Total and differential leukocyte counts
Blood was drawn by cardiac puncture with a heparinized syringe into EDTA-containing, pyrogen-free vacutainer tubes (BD Biosciences). Total leukocyte numbers and hematocrit levels in whole blood were determined using a hematology analyzer (Medonic CA-620, Sweden). For differential leukocyte counts, 10-μl blood samples were spread in thin layers on micro-slide glass and stained with Liu’s stain (ASK, Taipei, Taiwan). Differential counts of neutrophils, monocytes, and lymphocytes were determined based on cell morphology under a light microscope.
Enzyme-linked immunosorbent assay (ELISA)

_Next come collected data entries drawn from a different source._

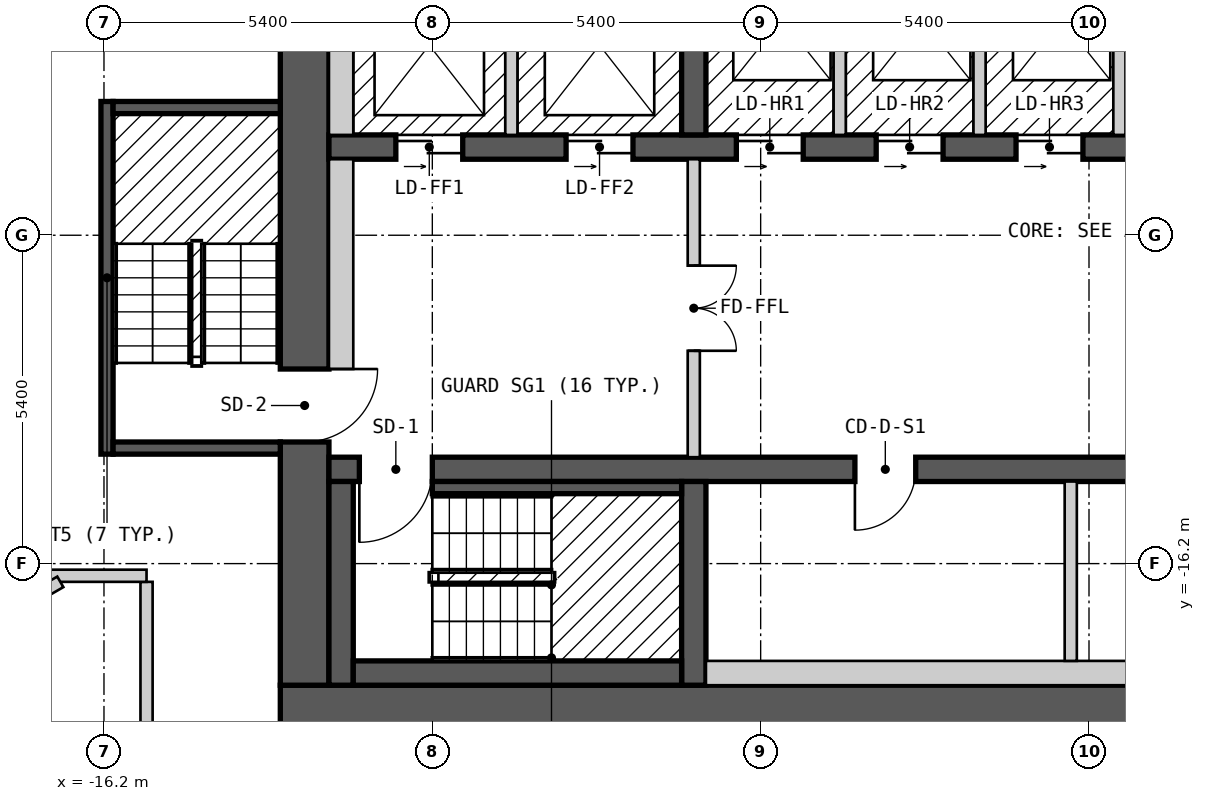
"""IFC4 building model, lengths in metres.
Left out: names, types, materials, properties, quantities, classifications, styles, units other than length and angle.
Written with IfcOpenShell. Run it as: python <this file> out.ifc"""

import sys

from ifc_helpers import new_model, si_unit, direction, frame, frame_2d, origin, place, context, subcontext, project, spatial, polyline, rectangle, outline, extrude, element, fill, save


model = new_model("IFC4")
c1 = context("Model", 3, precision=1e-05, world=origin(), true_north=direction((0.0, 1.0)))
c2 = subcontext(c1, "Body", "Model", "MODEL_VIEW")
j1 = project(units=[si_unit("LENGTHUNIT", "METRE"), si_unit("PLANEANGLEUNIT", "RADIAN")], contexts=[c1])
p1 = place(None, origin())
s1 = spatial("IfcSite", under=j1, at=p1, CompositionType="ELEMENT")
p2 = place(p1, origin())
s2 = spatial("IfcBuilding", under=s1, at=p2, CompositionType="ELEMENT")
p3 = place(p2, frame((0.0, 0.0, 144.6)))
s3 = spatial("IfcBuildingStorey", under=s2, at=p3, CompositionType="ELEMENT", Elevation=144.6)
p4 = place(p3, frame((-13.3, -18.6, 0.0), z_axis=(0.0, 0.0, 1.0), x_axis=(1.0, 0.0, 0.0)))
e1 = element("IfcWall", 1, at=p4, inside=s3, PredefinedType="SHEAR", context=c2, shape_type="SweptSolid", body=[
    extrude(rectangle(XDim=26.6, YDim=0.8, at=frame_2d((13.3, 0.0))), origin(), (0.0, 0.0, 1.0), 2.7),
])
p5 = place(p3, frame((-12.9, -18.2, 0.0), z_axis=(0.0, 0.0, 1.0), x_axis=(0.0, 1.0, 0.0)))
e2 = element("IfcWall", 2, at=p5, inside=s3, PredefinedType="SHEAR", context=c2, shape_type="SweptSolid", body=[
    extrude(rectangle(XDim=12.4, YDim=0.8, at=frame_2d((6.2, 0.0))), origin(), (0.0, 0.0, 1.0), 2.7),
])
p6 = place(p5, frame((4.0, 0.0, 0.0)))
e3 = element("IfcOpeningElement", 3, at=p6, cuts=e2, PredefinedType="OPENING", context=c2, shape_type="SweptSolid", body=[
    extrude(rectangle(XDim=1.2, YDim=2.1, at=frame_2d((0.6, 1.05))), frame((0.0, 0.41, 0.0), z_axis=(0.0, -1.0, 0.0), x_axis=(1.0, 0.0, 0.0)), (0.0, 0.0, 1.0), 0.82),
])
p7 = place(p3, frame((-12.5, -14.65, 0.0), z_axis=(0.0, 0.0, 1.0), x_axis=(1.0, 0.0, 0.0)))
e4 = element("IfcWall", 4, at=p7, inside=s3, PredefinedType="SHEAR", context=c2, shape_type="SweptSolid", body=[
    extrude(rectangle(XDim=25.0, YDim=0.4, at=frame_2d((12.5, 0.0))), origin(), (0.0, 0.0, 1.0), 2.7),
])
p8 = place(p7, frame((1.7, 0.0, 0.0), z_axis=(0.0, 0.0, 1.0), x_axis=(-1.0, 0.0, 0.0)))
e5 = element("IfcOpeningElement", 5, at=p8, cuts=e4, PredefinedType="OPENING", context=c2, shape_type="SweptSolid", body=[
    extrude(rectangle(XDim=1.2, YDim=2.1, at=frame_2d((0.6, 1.05))), frame((0.0, 0.21, 0.0), z_axis=(0.0, -1.0, 0.0), x_axis=(1.0, 0.0, 0.0)), (0.0, 0.0, 1.0), 0.42),
])
p9 = place(p7, frame((24.55, 0.0, 0.0), z_axis=(0.0, 0.0, 1.0), x_axis=(-1.0, 0.0, 0.0)))
e6 = element("IfcOpeningElement", 6, at=p9, cuts=e4, PredefinedType="OPENING", context=c2, shape_type="SweptSolid", body=[
    extrude(rectangle(XDim=1.2, YDim=2.1, at=frame_2d((0.6, 1.05))), frame((0.0, 0.21, 0.0), z_axis=(0.0, -1.0, 0.0), x_axis=(1.0, 0.0, 0.0)), (0.0, 0.0, 1.0), 0.42),
])
p10 = place(p7, frame((9.65, 0.0, 0.0), z_axis=(0.0, 0.0, 1.0), x_axis=(-1.0, 0.0, 0.0)))
e7 = element("IfcOpeningElement", 7, at=p10, cuts=e4, PredefinedType="OPENING", context=c2, shape_type="SweptSolid", body=[
    extrude(rectangle(XDim=1.0, YDim=2.1, at=frame_2d((0.5, 1.05))), frame((0.0, 0.21, 0.0), z_axis=(0.0, -1.0, 0.0), x_axis=(1.0, 0.0, 0.0)), (0.0, 0.0, 1.0), 0.42),
])
p11 = place(p7, frame((16.05, 0.0, 0.0), z_axis=(0.0, 0.0, 1.0), x_axis=(-1.0, 0.0, 0.0)))
e8 = element("IfcOpeningElement", 8, at=p11, cuts=e4, PredefinedType="OPENING", context=c2, shape_type="SweptSolid", body=[
    extrude(rectangle(XDim=1.0, YDim=2.1, at=frame_2d((0.5, 1.05))), frame((0.0, 0.21, 0.0), z_axis=(0.0, -1.0, 0.0), x_axis=(1.0, 0.0, 0.0)), (0.0, 0.0, 1.0), 0.42),
])
p12 = place(p3, frame((-12.5, -9.35, 0.0), z_axis=(0.0, 0.0, 1.0), x_axis=(1.0, 0.0, 0.0)))
e9 = element("IfcWall", 9, at=p12, inside=s3, PredefinedType="SHEAR", context=c2, shape_type="SweptSolid", body=[
    extrude(rectangle(XDim=22.7, YDim=0.4, at=frame_2d((11.35, 0.0))), origin(), (0.0, 0.0, 1.0), 2.7),
])
p13 = place(p12, frame((1.1, 0.0, 0.0)))
e10 = element("IfcOpeningElement", 10, at=p13, cuts=e9, PredefinedType="OPENING", context=c2, shape_type="SweptSolid", body=[
    extrude(rectangle(XDim=1.1, YDim=2.1, at=frame_2d((0.55, 1.05))), frame((0.0, 0.21, 0.0), z_axis=(0.0, -1.0, 0.0), x_axis=(1.0, 0.0, 0.0)), (0.0, 0.0, 1.0), 0.42),
])
p14 = place(p12, frame((3.9, 0.0, 0.0)))
e11 = element("IfcOpeningElement", 11, at=p14, cuts=e9, PredefinedType="OPENING", context=c2, shape_type="SweptSolid", body=[
    extrude(rectangle(XDim=1.1, YDim=2.1, at=frame_2d((0.55, 1.05))), frame((0.0, 0.21, 0.0), z_axis=(0.0, -1.0, 0.0), x_axis=(1.0, 0.0, 0.0)), (0.0, 0.0, 1.0), 0.42),
])
p15 = place(p12, frame((6.7, 0.0, 0.0)))
e12 = element("IfcOpeningElement", 12, at=p15, cuts=e9, PredefinedType="OPENING", context=c2, shape_type="SweptSolid", body=[
    extrude(rectangle(XDim=1.1, YDim=2.1, at=frame_2d((0.55, 1.05))), frame((0.0, 0.21, 0.0), z_axis=(0.0, -1.0, 0.0), x_axis=(1.0, 0.0, 0.0)), (0.0, 0.0, 1.0), 0.42),
])
p16 = place(p12, frame((9.0, 0.0, 0.0)))
e13 = element("IfcOpeningElement", 13, at=p16, cuts=e9, PredefinedType="OPENING", context=c2, shape_type="SweptSolid", body=[
    extrude(rectangle(XDim=1.1, YDim=2.1, at=frame_2d((0.55, 1.05))), frame((0.0, 0.21, 0.0), z_axis=(0.0, -1.0, 0.0), x_axis=(1.0, 0.0, 0.0)), (0.0, 0.0, 1.0), 0.42),
])
p17 = place(p12, frame((11.3, 0.0, 0.0)))
e14 = element("IfcOpeningElement", 14, at=p17, cuts=e9, PredefinedType="OPENING", context=c2, shape_type="SweptSolid", body=[
    extrude(rectangle(XDim=1.1, YDim=2.1, at=frame_2d((0.55, 1.05))), frame((0.0, 0.21, 0.0), z_axis=(0.0, -1.0, 0.0), x_axis=(1.0, 0.0, 0.0)), (0.0, 0.0, 1.0), 0.42),
])
p18 = place(p12, frame((13.6, 0.0, 0.0)))
e15 = element("IfcOpeningElement", 15, at=p18, cuts=e9, PredefinedType="OPENING", context=c2, shape_type="SweptSolid", body=[
    extrude(rectangle(XDim=1.1, YDim=2.1, at=frame_2d((0.55, 1.05))), frame((0.0, 0.21, 0.0), z_axis=(0.0, -1.0, 0.0), x_axis=(1.0, 0.0, 0.0)), (0.0, 0.0, 1.0), 0.42),
])
p19 = place(p12, frame((15.9, 0.0, 0.0)))
e16 = element("IfcOpeningElement", 16, at=p19, cuts=e9, PredefinedType="OPENING", context=c2, shape_type="SweptSolid", body=[
    extrude(rectangle(XDim=1.1, YDim=2.1, at=frame_2d((0.55, 1.05))), frame((0.0, 0.21, 0.0), z_axis=(0.0, -1.0, 0.0), x_axis=(1.0, 0.0, 0.0)), (0.0, 0.0, 1.0), 0.42),
])
p20 = place(p12, frame((18.2, 0.0, 0.0)))
e17 = element("IfcOpeningElement", 17, at=p20, cuts=e9, PredefinedType="OPENING", context=c2, shape_type="SweptSolid", body=[
    extrude(rectangle(XDim=1.1, YDim=2.1, at=frame_2d((0.55, 1.05))), frame((0.0, 0.21, 0.0), z_axis=(0.0, -1.0, 0.0), x_axis=(1.0, 0.0, 0.0)), (0.0, 0.0, 1.0), 0.42),
])
p21 = place(p12, frame((20.6, 0.0, 0.0)))
e18 = element("IfcOpeningElement", 18, at=p21, cuts=e9, PredefinedType="OPENING", context=c2, shape_type="SweptSolid", body=[
    extrude(rectangle(XDim=1.1, YDim=2.1, at=frame_2d((0.55, 1.05))), frame((0.0, 0.21, 0.0), z_axis=(0.0, -1.0, 0.0), x_axis=(1.0, 0.0, 0.0)), (0.0, 0.0, 1.0), 0.42),
])
for number, where, z_axis, x_axis in (
    (19, (-6.5, -18.2, 0.0), (0.0, 0.0, 1.0), (0.0, 1.0, 0.0)),
    (20, (-6.5, -9.15, 0.0), (0.0, 0.0, 1.0), (0.0, 1.0, 0.0)),
):
    element("IfcWall", number, at=place(p3, frame(where, z_axis=z_axis, x_axis=x_axis)), inside=s3, PredefinedType="SHEAR", context=c2, shape_type="SweptSolid", body=[
        extrude(rectangle(XDim=3.35, YDim=0.4, at=frame_2d((1.675, 0.0))), origin(), (0.0, 0.0, 1.0), 2.7),
    ])
p22 = place(p3, frame((-28.218, -2.025, 0.0), z_axis=(0.0, 0.0, 1.0), x_axis=(0.500017503135, -0.866015298109, 0.0)))
e21 = element("IfcWall", 21, at=p22, inside=s3, PredefinedType="SOLIDWALL", context=c2, shape_type="SweptSolid", body=[
    extrude(outline(polyline([(0.0, -0.15), (24.711, -0.15), (24.631, 0.15), (0.08, 0.15), (0.0, -0.15)])), origin(), (0.0, 0.0, 1.0), 2.7),
])
p23 = place(p22, frame((1.4, 0.0, 0.15)))
e22 = element("IfcOpeningElement", 22, at=p23, cuts=e21, PredefinedType="OPENING", context=c2, shape_type="SweptSolid", body=[
    extrude(rectangle(XDim=1.5, YDim=2.1, at=frame_2d((0.75, 1.05))), frame((0.0, 0.16, 0.0), z_axis=(0.0, -1.0, 0.0), x_axis=(1.0, 0.0, 0.0)), (0.0, 0.0, 1.0), 0.32),
])
p24 = place(p22, frame((4.316, 0.0, 0.15)))
e23 = element("IfcOpeningElement", 23, at=p24, cuts=e21, PredefinedType="OPENING", context=c2, shape_type="SweptSolid", body=[
    extrude(rectangle(XDim=1.5, YDim=2.1, at=frame_2d((0.75, 1.05))), frame((0.0, 0.16, 0.0), z_axis=(0.0, -1.0, 0.0), x_axis=(1.0, 0.0, 0.0)), (0.0, 0.0, 1.0), 0.32),
])
p25 = place(p22, frame((7.231, 0.0, 0.15)))
e24 = element("IfcOpeningElement", 24, at=p25, cuts=e21, PredefinedType="OPENING", context=c2, shape_type="SweptSolid", body=[
    extrude(rectangle(XDim=1.5, YDim=2.1, at=frame_2d((0.75, 1.05))), frame((0.0, 0.16, 0.0), z_axis=(0.0, -1.0, 0.0), x_axis=(1.0, 0.0, 0.0)), (0.0, 0.0, 1.0), 0.32),
])
p26 = place(p22, frame((10.147, 0.0, 0.15)))
e25 = element("IfcOpeningElement", 25, at=p26, cuts=e21, PredefinedType="OPENING", context=c2, shape_type="SweptSolid", body=[
    extrude(rectangle(XDim=1.5, YDim=2.1, at=frame_2d((0.75, 1.05))), frame((0.0, 0.16, 0.0), z_axis=(0.0, -1.0, 0.0), x_axis=(1.0, 0.0, 0.0)), (0.0, 0.0, 1.0), 0.32),
])
p27 = place(p22, frame((13.062, 0.0, 0.15)))
e26 = element("IfcOpeningElement", 26, at=p27, cuts=e21, PredefinedType="OPENING", context=c2, shape_type="SweptSolid", body=[
    extrude(rectangle(XDim=1.5, YDim=2.1, at=frame_2d((0.75, 1.05))), frame((0.0, 0.16, 0.0), z_axis=(0.0, -1.0, 0.0), x_axis=(1.0, 0.0, 0.0)), (0.0, 0.0, 1.0), 0.32),
])
p28 = place(p22, frame((15.977, 0.0, 0.15)))
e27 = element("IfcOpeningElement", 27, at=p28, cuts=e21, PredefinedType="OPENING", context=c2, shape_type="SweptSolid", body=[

Jejunal segments (1 cm in length) were weighed and homogenized at a ratio of 1 g tissue to 10 ml PBS which was dissolved with one Complete Mini protease inhibitor cocktail tablet (Roche, Mannheim, Germany). Samples then were sonicated on ice. Lysates were centrifuged at 12,000 × g at 4°C for 30 min, and supernatants were collected. Supernatant protein concentrations were measured using a protein assay (Bio-Rad). Cytokine levels in mucosal samples were measured with ELISA development kits according to the manufacturer’s instructions (PeproTech, Rocky Hill, NJ). Briefly, microplates were coated overnight with capture antibodies. Plates were blocked with PBS containing 1% BSA for 1 h and then washed. Sample and standard solutions were added, and plates were incubated for 2 h. Biotinylated antigen-affinity detection antibodies were added, and plates were incubated for an additional 2 h. After washing, an avidin-HRP conjugate was added for 30 min followed by incubation with 2,2'-azino-bis(3-ethylbenzothiazoline-6-sulfonic acid) (ABTS) liquid substrate for color development. Absorbance was measured at 405 nm with correction set at 650 nm. Cytokine levels in intestinal mucosa were expressed as pg cytokine/mg total protein.
Statistical analysis
All values, except for bacterial CFUs, were expressed as means ± SEM, and means were compared by one-way analysis of variance followed by a Student Newman-Keuls test. For bacterial count data, pairwise rankings of median CFUs were performed using the nonparametric Mann–Whitney U test. Differences were considered statistically significant at P < 0.05.
Acknowledgements
We thank the staff of the imaging facility at the First Core Lab, and the AM2 Pharmacological Studies of Drugs in Animal Models for Human Diseases, Disease Animal Research Center, National Taiwan University College of Medicine, for their technical assistance.
Sources of support
This study was supported by grants from the National Research Program for Biopharmaceuticals (NRPB), National Science Council (NSC100-2325-B-002-035, 101-2325-B-002-035-031, 102-2325-B-002-035-030).
Competing interest
The authors declare that there are no conflicts of interest.
Authors' contributions
Guarantor of integrity of entire study, LCY; study concepts and design: LCY and AGB; data acquisition: TLC, HC, HWW, YZL, and LLW; data analysis/interpretation: TLC, HC, HWW, and TCL; statistical analysis: TLC, HWW; material and technical support: YHN, CHS, WHY; obtained funding: LCY; manuscript drafting or revision for important intellectual content, literature research, manuscript editing, and manuscript final version approval: all authors.